Là, il y rencontre ceux qui allaient devenir ses compères. Alan Pelhon et Jean Luc Sauvaïgo, poète musicien. « Ca commençait à bouger dans les autres régions occitanes, nous nous inscrivions dans une culture, certes contestataire, mais avant tout ouverte vers le monde et les autres ». C’est la prise de conscience commune de la langue. « J’avais le nissart dans l’oreille mais ma langue maternelle c’était le français. C’est à ce moment que j’ai compris que l’occitan pouvait porter un message, que c’était une langue riche d’un héritage multiple, qu’elle était tout sauf passéiste. Ce n’est pas un patois ! Pendant des siècles, l’occitan été la langue des troubadours et de ces poètes qui circulaient de villages en villages jusqu’à la cour des Rois ».

Un pionnier, un précurseur

Mauris et ses deux amis deviennent les troubadours de la modernité. « Alain m’a dit, tu joues de la guitare alors tu vas chanter ! ». Pelhon et Sauvaïgo écrivent les textes, Mauris les chantent, ils se rôdent. « On a commencé par faire des petits concerts. Si la langue s’exprimait dans la musique, quand Alan disait ses poèmes elle était aussi parlée ». Le petit public qui se presse alors autour d’eux observe la mutation d’une langue passée du pavé à la culture. Transcender son rôle convivial, son expression traditionnelle pour porter poésie et messages forts, contemporains.

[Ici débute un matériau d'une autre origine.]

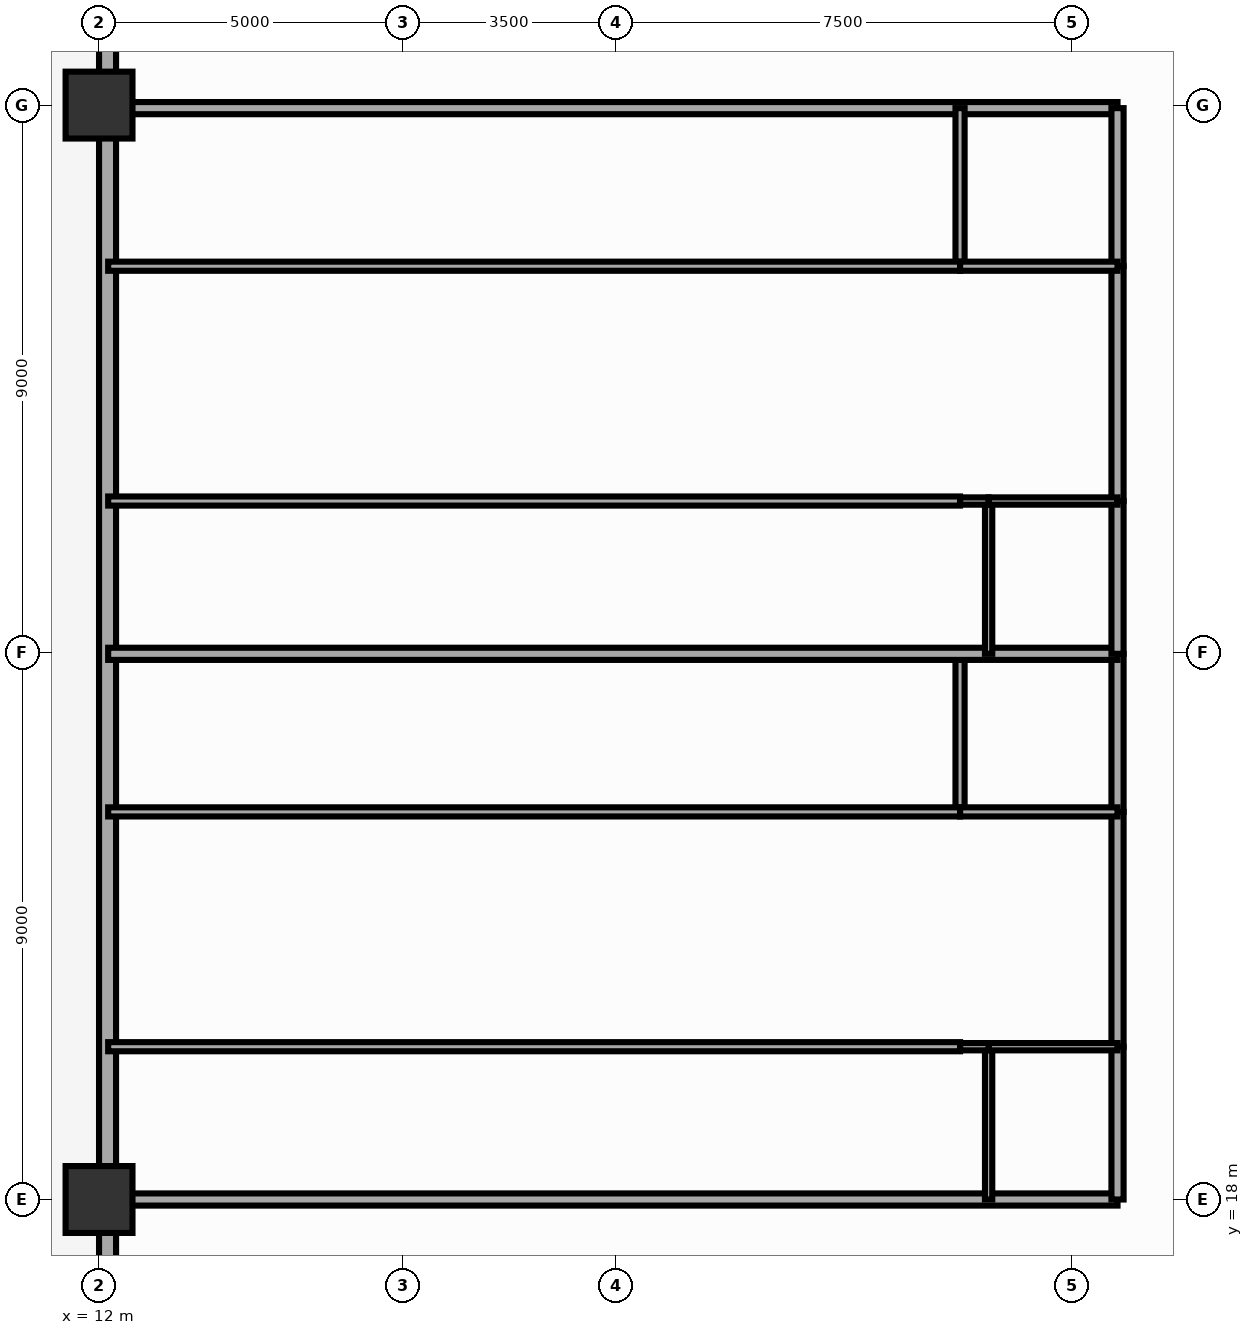
"""IFC4 building model, lengths in metres.
Left out: names, types, materials, properties, quantities, classifications, styles, units other than length and angle.
Written with IfcOpenShell. Run it as: python <this file> out.ifc"""

import sys

from ifc_helpers import new_model, si_unit, direction, frame, frame_2d, origin, origin_2d, place, context, subcontext, project, spatial, rectangle, extrude, source, transform, mapped, element, fill, save


model = new_model("IFC4")
c1 = context("Model", 3, precision=1e-05, world=origin(), true_north=direction((0.0, 1.0)))
c2 = subcontext(c1, "Body", "Model", "MODEL_VIEW")
j1 = project(units=[si_unit("LENGTHUNIT", "METRE"), si_unit("PLANEANGLEUNIT", "RADIAN")], contexts=[c1])
p1 = place(None, origin())
s1 = spatial("IfcSite", under=j1, at=p1, CompositionType="ELEMENT")
p2 = place(p1, origin())
s2 = spatial("IfcBuilding", under=s1, at=p2, CompositionType="ELEMENT")
p3 = place(p2, frame((0.0, 0.0, 19.4)))
s3 = spatial("IfcBuildingStorey", under=s2, at=p3, CompositionType="ELEMENT", Elevation=19.4)
m1 = source(origin(), c2, "Body", "SweptSolid", [
    extrude(rectangle(XDim=1.1, YDim=1.1, at=origin_2d()), origin(), (0.0, 0.0, 1.0), 3.0),
])
for number, where, z_axis, x_axis in (
    (1, (12.0, 36.0, 0.0), (0.0, 0.0, 1.0), (1.0, 0.0, 0.0)),
    (2, (12.0, 18.0, 0.0), (0.0, 0.0, 1.0), (1.0, 0.0, 0.0)),
):
    element("IfcColumn", number, at=place(p3, frame(where, z_axis=z_axis, x_axis=x_axis)), inside=s3, PredefinedType="COLUMN", context=c2, shape_type="MappedRepresentation", body=[
        mapped(m1, transform((0.0, 0.0, 0.0), scale=1.0)),
    ])
p4 = place(p3, frame((12.14, 6.5, 0.0), z_axis=(0.0, 0.0, 1.0), x_axis=(0.0, 1.0, 0.0)))
e3 = element("IfcWall", 3, at=p4, inside=s3, PredefinedType="SOLIDWALL", context=c2, shape_type="SweptSolid", body=[
    extrude(rectangle(XDim=41.0, YDim=0.28, at=frame_2d((20.5, 0.0))), origin(), (0.0, 0.0, 1.0), 2.28),
])
p5 = place(p4, frame((5.15, 0.0, 0.25)))
e4 = element("IfcOpeningElement", 4, at=p5, cuts=e3, PredefinedType="OPENING", context=c2, shape_type="SweptSolid", body=[
    extrude(rectangle(XDim=1.2, YDim=1.5, at=frame_2d((0.6, 0.75))), frame((0.0, 0.152, 0.0), z_axis=(0.0, -1.0, 0.0), x_axis=(1.0, 0.0, 0.0)), (0.0, 0.0, 1.0), 0.304),
])
p6 = place(p4, frame((12.352, 0.0, 0.25)))
e5 = element("IfcOpeningElement", 5, at=p6, cuts=e3, PredefinedType="OPENING", context=c2, shape_type="SweptSolid", body=[
    extrude(rectangle(XDim=1.2, YDim=1.5, at=frame_2d((0.6, 0.75))), frame((0.0, 0.152, 0.0), z_axis=(0.0, -1.0, 0.0), x_axis=(1.0, 0.0, 0.0)), (0.0, 0.0, 1.0), 0.304),
])
p7 = place(p4, frame((15.344, 0.0, 0.25)))
e6 = element("IfcOpeningElement", 6, at=p7, cuts=e3, PredefinedType="OPENING", context=c2, shape_type="SweptSolid", body=[
    extrude(rectangle(XDim=1.2, YDim=1.5, at=frame_2d((0.6, 0.75))), frame((0.0, 0.152, 0.0), z_axis=(0.0, -1.0, 0.0), x_axis=(1.0, 0.0, 0.0)), (0.0, 0.0, 1.0), 0.304),
])
p8 = place(p4, frame((18.575, 0.0, 0.25)))
e7 = element("IfcOpeningElement", 7, at=p8, cuts=e3, PredefinedType="OPENING", context=c2, shape_type="SweptSolid", body=[
    extrude(rectangle(XDim=1.2, YDim=1.5, at=frame_2d((0.6, 0.75))), frame((0.0, 0.152, 0.0), z_axis=(0.0, -1.0, 0.0), x_axis=(1.0, 0.0, 0.0)), (0.0, 0.0, 1.0), 0.304),
])
p9 = place(p4, frame((21.132, 0.0, 0.25)))
e8 = element("IfcOpeningElement", 8, at=p9, cuts=e3, PredefinedType="OPENING", context=c2, shape_type="SweptSolid", body=[
    extrude(rectangle(XDim=1.2, YDim=1.5, at=frame_2d((0.6, 0.75))), frame((0.0, 0.152, 0.0), z_axis=(0.0, -1.0, 0.0), x_axis=(1.0, 0.0, 0.0)), (0.0, 0.0, 1.0), 0.304),
])
p10 = place(p4, frame((24.319, 0.0, 0.25)))
e9 = element("IfcOpeningElement", 9, at=p10, cuts=e3, PredefinedType="OPENING", context=c2, shape_type="SweptSolid", body=[
    extrude(rectangle(XDim=1.2, YDim=1.5, at=frame_2d((0.6, 0.75))), frame((0.0, 0.152, 0.0), z_axis=(0.0, -1.0, 0.0), x_axis=(1.0, 0.0, 0.0)), (0.0, 0.0, 1.0), 0.304),
])
p11 = place(p4, frame((27.38, 0.0, 0.25)))
e10 = element("IfcOpeningElement", 10, at=p11, cuts=e3, PredefinedType="OPENING", context=c2, shape_type="SweptSolid", body=[
    extrude(rectangle(XDim=1.2, YDim=1.5, at=frame_2d((0.6, 0.75))), frame((0.0, 0.152, 0.0), z_axis=(0.0, -1.0, 0.0), x_axis=(1.0, 0.0, 0.0)), (0.0, 0.0, 1.0), 0.304),
])
p12 = place(p4, frame((34.45, 0.0, 0.0)))
e11 = element("IfcOpeningElement", 11, at=p12, cuts=e3, PredefinedType="OPENING", context=c2, shape_type="SweptSolid", body=[
    extrude(rectangle(XDim=1.6, YDim=2.15, at=frame_2d((0.8, 1.075))), frame((0.0, 0.152, 0.0), z_axis=(0.0, -1.0, 0.0), x_axis=(1.0, 0.0, 0.0)), (0.0, 0.0, 1.0), 0.304),
])
for number, where, z_axis, x_axis in (
    (12, (28.75, 18.0, 0.0), (0.0, 0.0, 1.0), (-1.0, 0.0, 0.0)),
    (13, (28.75, 35.95, 0.0), (0.0, 0.0, 1.0), (-1.0, 0.0, 0.0)),
):
    element("IfcWall", number, at=place(p3, frame(where, z_axis=z_axis, x_axis=x_axis)), inside=s3, PredefinedType="PARTITIONING", context=c2, shape_type="SweptSolid", body=[
        extrude(rectangle(XDim=16.6, YDim=0.2, at=frame_2d((8.3, 0.0))), origin(), (0.0, 0.0, 1.0), 2.24),
    ])
p13 = place(p3, frame((28.75, 18.0, 0.0), z_axis=(0.0, 0.0, 1.0), x_axis=(0.0, 1.0, 0.0)))
e14 = element("IfcWall", 14, at=p13, inside=s3, PredefinedType="PARTITIONING", context=c2, shape_type="SweptSolid", body=[
    extrude(rectangle(XDim=2.513, YDim=0.2, at=frame_2d((1.256, 0.0))), origin(), (0.0, 0.0, 1.0), 2.79),
])
p14 = place(p3, frame((28.75, 20.513, 0.0), z_axis=(0.0, 0.0, 1.0), x_axis=(0.0, 1.0, 0.0)))
e15 = element("IfcWall", 15, at=p14, inside=s3, PredefinedType="PARTITIONING", context=c2, shape_type="SweptSolid", body=[
    extrude(rectangle(XDim=3.862, YDim=0.2, at=frame_2d((1.931, 0.0))), origin(), (0.0, 0.0, 1.0), 2.79),
])
p15 = place(p14, frame((1.431, 0.0, 0.0)))
e16 = element("IfcOpeningElement", 16, at=p15, cuts=e15, PredefinedType="OPENING", context=c2, shape_type="SweptSolid", body=[
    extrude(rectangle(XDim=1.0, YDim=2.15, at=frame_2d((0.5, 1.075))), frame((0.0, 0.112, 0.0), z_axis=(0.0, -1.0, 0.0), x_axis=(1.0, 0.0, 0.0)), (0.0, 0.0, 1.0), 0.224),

Elle devient musique. Les chansons parlent déjà de la fermeture éventuelle de la ligne du train des pignes, de l’expropriation des paysans de la plaine du Var, du massacre à la bétonneuse subi par Lo Païs. « 35 ans plus tard, ces messages sont toujours d’actualité » lance le chanteur dans un sourire malicieux. Dix ans de concerts plus tard, c’est le premier album « Viure Drech ».

Un opus qui fera date et influencera une nouvelle génération de chanteurs et d’auteurs (à l’exemple du Mago d’en Castèu) qui à leur tour prendront conscience que cette langue peut être un vecteur de création. « Mais déjà, ça ne plaisait pas à tout le monde, aucune couverture presse et encore moins de passages à la radio ! ». Deux albums suivent jusqu’à la fin des années 80. Arrive le quasi désert culturel des années 90 mais un nouvel album sorti en 1999 préfigure le renouveau.

Pourfendeur « des particularismes fermés »

La langue devient politique mais « il ne s’agissait pas de la réduire à un quelconque drapeau ! D’ailleurs, Nice ne se réduit pas à son Comté. Il s’est passé bien des choses avant ». Mauris collabore avec des groupes de musique arabo-andalouse, judéo-espagnole. Il chante la Méditerranée, dénonce le bétonnage aveugle, le centralisme et les nationalismes. Le grand pourfendeur des particularismes fermés, l’homme qui chantait il y a 30 ans « Niça Rebèla » a vu le titre de la chanson récupérée par… un groupuscule d’extrême droite. « A l’époque, Nice était le lieu où tous les bateaux qui transitaient en Méditerranée venaient s’approvisionner en eau douce ». Nissa, ceux qui défendent sa richesse, sa tradition d’ouverture, ceux qui toujours plus nombreux la chantent, en parlent et la transmettent doivent beaucoup à une certaine source aux trois affluents : Sgaravizzi, Pelhon et Sauvaigo.